Peter Mortensen · Accepted Answer · 2025-09-11 23:40:39Z

21

A small thing that Eldritch Conundrum's and Steve's answers did not mention, and I would like to add:

Many optimizations are target-specific.

There are many things in play here, like cache lines, alignment, or other CPU-specific features. Are you optimizing for a x86 or an ARM processor? Which generation of either? Then there is the question whether you optimize for speed, or for size. Plus, many optimizations are on the machine-code level, and don't translate back into your HLL all that well.

Which would mean that your source-level optimizer would take your one source base, and turn it into several separate source bases, which you would now have to maintain separately. Spattered with lots of changes, and possibly lots of inline assembly as well, making them less maintainable, as the other two answers pointed out.

Source code primarily serves the needs of the developer. It needs to be readable, maintainable, and understandable. Many optimizations that made sense "in the olden days" have long since become unnecessary, sometimes even counterproductive.

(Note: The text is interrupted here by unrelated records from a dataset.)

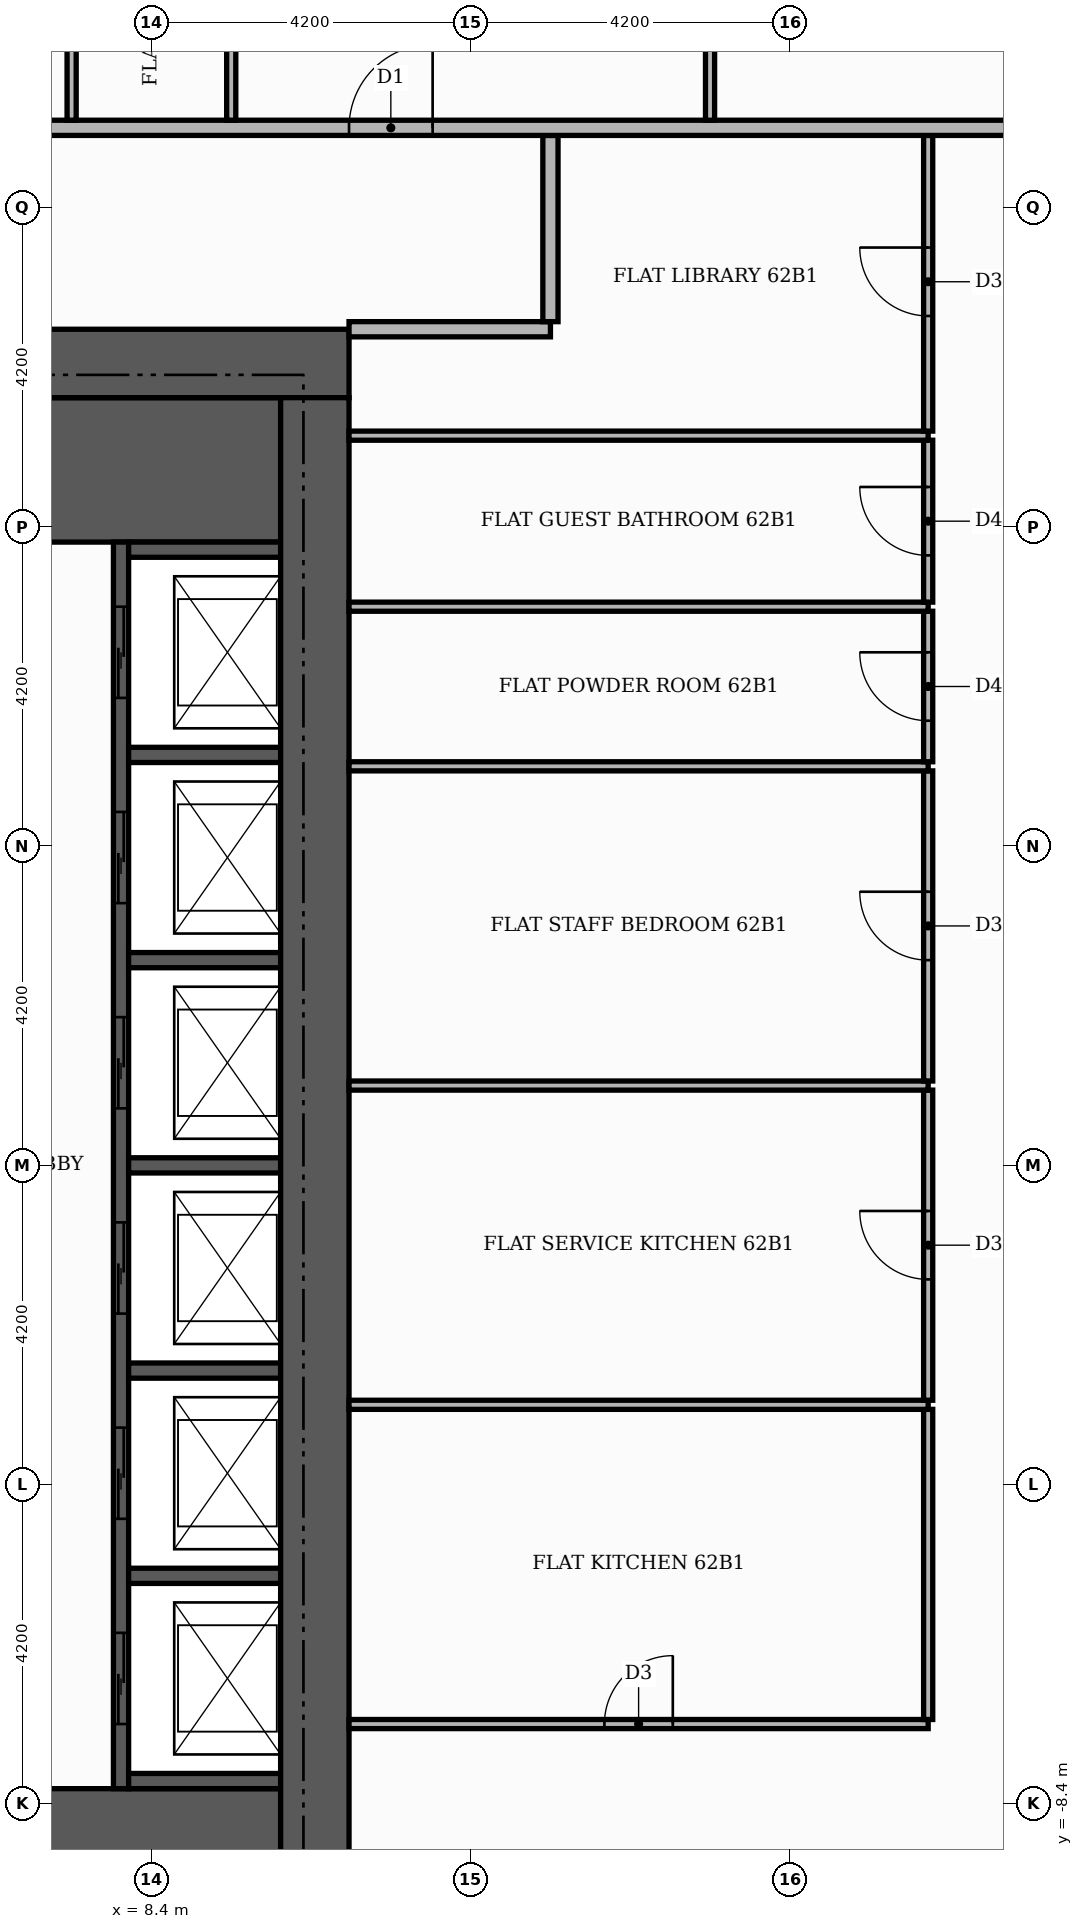
"""IFC4 building model, lengths in metres.
Left out: names, types, materials, properties, quantities, classifications, styles, units other than length and angle.
Written with IfcOpenShell. Run it as: python <this file> out.ifc"""

import sys

from ifc_helpers import new_model, si_unit, direction, frame, frame_2d, origin, place, context, subcontext, project, spatial, rectangle, extrude, element, fill, save


model = new_model("IFC4")
c1 = context("Model", 3, precision=1e-05, world=origin(), true_north=direction((0.0, 1.0)))
c2 = subcontext(c1, "Body", "Model", "MODEL_VIEW")
j1 = project(units=[si_unit("LENGTHUNIT", "METRE"), si_unit("PLANEANGLEUNIT", "RADIAN")], contexts=[c1])
p1 = place(None, origin())
s1 = spatial("IfcSite", under=j1, at=p1, CompositionType="ELEMENT")
p2 = place(p1, origin())
s2 = spatial("IfcBuilding", under=s1, at=p2, CompositionType="ELEMENT")
p3 = place(p2, frame((0.0, 0.0, 260.1)))
s3 = spatial("IfcBuildingStorey", under=s2, at=p3, CompositionType="ELEMENT", Elevation=260.1)
for number, where, z_axis, x_axis in (
    (1, (5.5, -9.15, 0.0), (0.0, 0.0, 1.0), (1.0, 0.0, 0.0)),
    (2, (5.5, 9.15, 0.0), (0.0, 0.0, 1.0), (1.0, 0.0, 0.0)),
):
    element("IfcWall", number, at=place(p3, frame(where, z_axis=z_axis, x_axis=x_axis)), inside=s3, PredefinedType="SHEAR", context=c2, shape_type="SweptSolid", body=[
        extrude(rectangle(XDim=4.6, YDim=1.9, at=frame_2d((2.3, 0.0))), origin(), (0.0, 0.0, 1.0), 3.48),
    ])
p4 = place(p3, frame((8.0, -8.2, 0.0), z_axis=(0.0, 0.0, 1.0), x_axis=(0.0, 1.0, 0.0)))
e3 = element("IfcWall", 3, at=p4, inside=s3, PredefinedType="SHEAR", context=c2, shape_type="SweptSolid", body=[
    extrude(rectangle(XDim=16.4, YDim=0.2, at=frame_2d((8.2, 0.0))), origin(), (0.0, 0.0, 1.0), 3.48),
])
p5 = place(p4, frame((0.85, 0.0, 0.0)))
e4 = element("IfcOpeningElement", 4, at=p5, cuts=e3, PredefinedType="OPENING", context=c2, shape_type="SweptSolid", body=[
    extrude(rectangle(XDim=1.2, YDim=2.1, at=frame_2d((0.6, 1.05))), frame((0.0, 0.11, 0.0), z_axis=(0.0, -1.0, 0.0), x_axis=(1.0, 0.0, 0.0)), (0.0, 0.0, 1.0), 0.22),
])
p6 = place(p4, frame((3.55, 0.0, 0.0)))
e5 = element("IfcOpeningElement", 5, at=p6, cuts=e3, PredefinedType="OPENING", context=c2, shape_type="SweptSolid", body=[
    extrude(rectangle(XDim=1.2, YDim=2.1, at=frame_2d((0.6, 1.05))), frame((0.0, 0.11, 0.0), z_axis=(0.0, -1.0, 0.0), x_axis=(1.0, 0.0, 0.0)), (0.0, 0.0, 1.0), 0.22),
])
p7 = place(p4, frame((6.25, 0.0, 0.0)))
e6 = element("IfcOpeningElement", 6, at=p7, cuts=e3, PredefinedType="OPENING", context=c2, shape_type="SweptSolid", body=[
    extrude(rectangle(XDim=1.2, YDim=2.1, at=frame_2d((0.6, 1.05))), frame((0.0, 0.11, 0.0), z_axis=(0.0, -1.0, 0.0), x_axis=(1.0, 0.0, 0.0)), (0.0, 0.0, 1.0), 0.22),
])
p8 = place(p4, frame((8.95, 0.0, 0.0)))
e7 = element("IfcOpeningElement", 7, at=p8, cuts=e3, PredefinedType="OPENING", context=c2, shape_type="SweptSolid", body=[
    extrude(rectangle(XDim=1.2, YDim=2.1, at=frame_2d((0.6, 1.05))), frame((0.0, 0.11, 0.0), z_axis=(0.0, -1.0, 0.0), x_axis=(1.0, 0.0, 0.0)), (0.0, 0.0, 1.0), 0.22),
])
p9 = place(p4, frame((11.65, 0.0, 0.0)))
e8 = element("IfcOpeningElement", 8, at=p9, cuts=e3, PredefinedType="OPENING", context=c2, shape_type="SweptSolid", body=[
    extrude(rectangle(XDim=1.2, YDim=2.1, at=frame_2d((0.6, 1.05))), frame((0.0, 0.11, 0.0), z_axis=(0.0, -1.0, 0.0), x_axis=(1.0, 0.0, 0.0)), (0.0, 0.0, 1.0), 0.22),
])
p10 = place(p4, frame((14.35, 0.0, 0.0)))
e9 = element("IfcOpeningElement", 9, at=p10, cuts=e3, PredefinedType="OPENING", context=c2, shape_type="SweptSolid", body=[
    extrude(rectangle(XDim=1.2, YDim=2.1, at=frame_2d((0.6, 1.05))), frame((0.0, 0.11, 0.0), z_axis=(0.0, -1.0, 0.0), x_axis=(1.0, 0.0, 0.0)), (0.0, 0.0, 1.0), 0.22),
])
for number, where, z_axis, x_axis in (
    (10, (8.1, -8.1, 0.0), (0.0, 0.0, 1.0), (1.0, 0.0, 0.0)),
    (11, (8.1, -5.4, 0.0), (0.0, 0.0, 1.0), (1.0, 0.0, 0.0)),
    (12, (8.1, -2.7, 0.0), (0.0, 0.0, 1.0), (1.0, 0.0, 0.0)),
    (13, (8.1, 0.0, 0.0), (0.0, 0.0, 1.0), (1.0, 0.0, 0.0)),
    (14, (8.1, 2.7, 0.0), (0.0, 0.0, 1.0), (1.0, 0.0, 0.0)),
    (15, (8.1, 5.4, 0.0), (0.0, 0.0, 1.0), (1.0, 0.0, 0.0)),
    (16, (8.1, 8.1, 0.0), (0.0, 0.0, 1.0), (1.0, 0.0, 0.0)),
):
    element("IfcWall", number, at=place(p3, frame(where, z_axis=z_axis, x_axis=x_axis)), inside=s3, PredefinedType="SHEAR", context=c2, shape_type="SweptSolid", body=[
        extrude(rectangle(XDim=2.0, YDim=0.2, at=frame_2d((1.0, 0.0))), origin(), (0.0, 0.0, 1.0), 3.48),
    ])
p11 = place(p3, frame((-11.0, 10.55, 0.0), z_axis=(0.0, 0.0, 1.0), x_axis=(1.0, 0.0, 0.0)))
e17 = element("IfcWall", 17, at=p11, inside=s3, PredefinedType="SHEAR", context=c2, shape_type="SweptSolid", body=[
    extrude(rectangle(XDim=22.0, YDim=0.9, at=frame_2d((11.0, 0.0))), origin(), (0.0, 0.0, 1.0), 3.48),
])
p12 = place(p11, frame((13.3, 0.0, 0.0)))
e18 = element("IfcOpeningElement", 18, at=p12, cuts=e17, PredefinedType="OPENING", context=c2, shape_type="SweptSolid", body=[
    extrude(rectangle(XDim=1.8, YDim=2.2, at=frame_2d((0.9, 1.1))), frame((0.0, 0.46, 0.0), z_axis=(0.0, -1.0, 0.0), x_axis=(1.0, 0.0, 0.0)), (0.0, 0.0, 1.0), 0.92),
])
p13 = place(p3, frame((10.55, -10.1, 0.0), z_axis=(0.0, 0.0, 1.0), x_axis=(0.0, 1.0, 0.0)))
e19 = element("IfcWall", 19, at=p13, inside=s3, PredefinedType="SHEAR", context=c2, shape_type="SweptSolid", body=[
    extrude(rectangle(XDim=20.2, YDim=0.9, at=frame_2d((10.1, 0.0))), origin(), (0.0, 0.0, 1.0), 3.48),
])
p14 = place(p3, frame((11.0, -7.35, 0.0), z_axis=(0.0, 0.0, 1.0), x_axis=(1.0, 0.0, 0.0)))
e20 = element("IfcWall", 20, at=p14, inside=s3, PredefinedType="PARTITIONING", context=c2, shape_type="SweptSolid", body=[
    extrude(rectangle(XDim=7.62, YDim=0.12, at=frame_2d((3.81, 0.0))), origin(), (0.0, 0.0, 1.0), 3.48),
])
p15 = place(p14, frame((3.36, 0.0, 0.0)))
e21 = element("IfcOpeningElement", 21, at=p15, cuts=e20, PredefinedType="OPENING", context=c2, shape_type="SweptSolid", body=[
    extrude(rectangle(XDim=0.9, YDim=2.1, at=frame_2d((0.45, 1.05))), frame((0.0, 0.07, 0.0), z_axis=(0.0, -1.0, 0.0), x_axis=(1.0, 0.0, 0.0)), (0.0, 0.0, 1.0), 0.14),
])
p16 = place(p3, frame((18.62, -7.29, 0.0), z_axis=(0.0, 0.0, 1.0), x_axis=(0.0, 1.0, 0.0)))
e22 = element("IfcWall", 22, at=p16, inside=s3, PredefinedType="PARTITIONING", context=c2, shape_type="SweptSolid", body=[
    extrude(rectangle(XDim=4.08, YDim=0.12, at=frame_2d((2.04, 0.0))), origin(), (0.0, 0.0, 1.0), 3.48),
])
p17 = place(p3, frame((11.0, -3.15, 0.0), z_axis=(0.0, 0.0, 1.0), x_axis=(1.0, 0.0, 0.0)))
e23 = element("IfcWall", 23, at=p17, inside=s3, PredefinedType="PARTITIONING", context=c2, shape_type="SweptSolid", body=[
    extrude(rectangle(XDim=7.62, YDim=0.12, at=frame_2d((3.81, 0.0))), origin(), (0.0, 0.0, 1.0), 3.48),
])
p18 = place(p3, frame((18.62, -3.09, 0.0), z_axis=(0.0, 0.0, 1.0), x_axis=(0.0, 1.0, 0.0)))
e24 = element("IfcWall", 24, at=p18, inside=s3, PredefinedType="PARTITIONING", context=c2, shape_type="SweptSolid", body=[
    extrude(rectangle(XDim=4.08, YDim=0.12, at=frame_2d((2.04, 0.0))), origin(), (0.0, 0.0, 1.0), 3.48),
])
p19 = place(p18, frame((1.59, 0.0, 0.0)))
e25 = element("IfcOpeningElement", 25, at=p19, cuts=e24, PredefinedType="OPENING", context=c2, shape_type="SweptSolid", body=[
    extrude(rectangle(XDim=0.9, YDim=2.1, at=frame_2d((0.45, 1.05))), frame((0.0, 0.07, 0.0), z_axis=(0.0, -1.0, 0.0), x_axis=(1.0, 0.0, 0.0)), (0.0, 0.0, 1.0), 0.14),
])
p20 = place(p3, frame((11.0, 1.05, 0.0), z_axis=(0.0, 0.0, 1.0), x_axis=(1.0, 0.0, 0.0)))
e26 = element("IfcWall", 26, at=p20, inside=s3, PredefinedType="PARTITIONING", context=c2, shape_type="SweptSolid", body=[
    extrude(rectangle(XDim=7.62, YDim=0.12, at=frame_2d((3.81, 0.0))), origin(), (0.0, 0.0, 1.0), 3.48),
])
p21 = place(p3, frame((18.62, 1.11, 0.0), z_axis=(0.0, 0.0, 1.0), x_axis=(0.0, 1.0, 0.0)))
e27 = element("IfcWall", 27, at=p21, inside=s3, PredefinedType="PARTITIONING", context=c2, shape_type="SweptSolid", body=[
    extrude(rectangle(XDim=4.08, YDim=0.12, at=frame_2d((2.04, 0.0))), origin(), (0.0, 0.0, 1.0), 3.48),
])
p22 = place(p21, frame((1.59, 0.0, 0.0)))
e28 = element("IfcOpeningElement", 28, at=p22, cuts=e27, PredefinedType="OPENING", context=c2, shape_type="SweptSolid", body=[
    extrude(rectangle(XDim=0.9, YDim=2.1, at=frame_2d((0.45, 1.05))), frame((0.0, 0.07, 0.0), z_axis=(0.0, -1.0, 0.0), x_axis=(1.0, 0.0, 0.0)), (0.0, 0.0, 1.0), 0.14),
])
p23 = place(p3, frame((11.0, 5.25, 0.0), z_axis=(0.0, 0.0, 1.0), x_axis=(1.0, 0.0, 0.0)))
e29 = element("IfcWall", 29, at=p23, inside=s3, PredefinedType="PARTITIONING", context=c2, shape_type="SweptSolid", body=[
    extrude(rectangle(XDim=7.62, YDim=0.12, at=frame_2d((3.81, 0.0))), origin(), (0.0, 0.0, 1.0), 3.48),
])
p24 = place(p3, frame((18.62, 5.31, 0.0), z_axis=(0.0, 0.0, 1.0), x_axis=(0.0, 1.0, 0.0)))
e30 = element("IfcWall", 30, at=p24, inside=s3, PredefinedType="PARTITIONING", context=c2, shape_type="SweptSolid", body=[
    extrude(rectangle(XDim=1.98, YDim=0.12, at=frame_2d((0.99, 0.0))), origin(), (0.0, 0.0, 1.0), 3.48),
])
p25 = place(p24, frame((0.54, 0.0, 0.0)))
e31 = element("IfcOpeningElement", 31, at=p25, cuts=e30, PredefinedType="OPENING", context=c2, shape_type="SweptSolid", body=[
    extrude(rectangle(XDim=0.9, YDim=2.1, at=frame_2d((0.45, 1.05))), frame((0.0, 0.07, 0.0), z_axis=(0.0, -1.0, 0.0), x_axis=(1.0, 0.0, 0.0)), (0.0, 0.0, 1.0), 0.14),
])
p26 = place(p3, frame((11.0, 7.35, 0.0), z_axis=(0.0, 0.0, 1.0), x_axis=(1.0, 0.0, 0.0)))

Write code so the next generation of developers can work with it. They will be about as smart as you were when you started. Optimizers, however, will only ever get better at optimizing clearly structured code.

edited Sep 11 at 23:40

Peter Mortensen

1174 bronze badges

answered Sep 10 at 13:54

DevSolar

3264 bronze badges

1

$\begingroup$ A good example of target-specific optimization is an answer I was just updating with some RISC-V testing: Signed saturated add of 64-bit ints? - it doesn't have FLAGS / condition-codes, so even source that uses __builtin_saddll_overflow has to check for overflow "manually". And writing portable ISO C, I don't know an idiom compilers recognize for signed overflow, so you can't get good asm on x86 or ARM, but different strategies are optimal on each, like (sum<a) == (b<0) vs. XORs and checking sign bits. $\endgroup$

Peter Cordes
– Peter Cordes

2025-09-11 03:10:36 +00:00
Commented Sep 11 at 3:10
2

$\begingroup$ Of course a better language like Rust avoids that specific problem entirely by providing a portable i64.checked_add which does a wrapping signed add that produces the sum and a boolean overflow flag. And directly an i64.saturating_add, solving the whole problem and telling the compiler exactly what you want, so it can use target-specific recipes for the whole thing. doc.rust-lang.org/std/primitive.i64.html#method.saturating_add $\endgroup$

Peter Cordes
– Peter Cordes

2025-09-11 03:16:38 +00:00
Commented Sep 11 at 3:16
$\begingroup$ If your HLL has a C-like preprocessor, you could abstract the machine-specific stuff behind #if blocks rather than writing separate files — but of course that still has the issue of making the code uglier and less maintainable. $\endgroup$

dan04
– dan04

2025-09-18 20:10:00 +00:00
Commented Sep 18 at 20:10
1

$\begingroup$ @dan04: I wasn't referring to things that need to be machine-specific by design. I meant code that would be optimized this way on this machine, and that way on another. Alignment, endianess, instructions supported in hardware / assembly on one platform but not the other. You would lose the abstraction provided by the HLL in the first place and, if you bring it to a point, completely disjunct trees of assembly source. With all the maintainability that would bring. $\endgroup$

DevSolar
– DevSolar

2025-09-19 09:17:26 +00:00
Commented Sep 19 at 9:17

Add a comment |

Chris Bouchard · Accepted Answer · 2025-09-11 05:45:40Z

15

This is a bit of a frame challenge…

We Do Have High-Level Source-to-Source Optimizers!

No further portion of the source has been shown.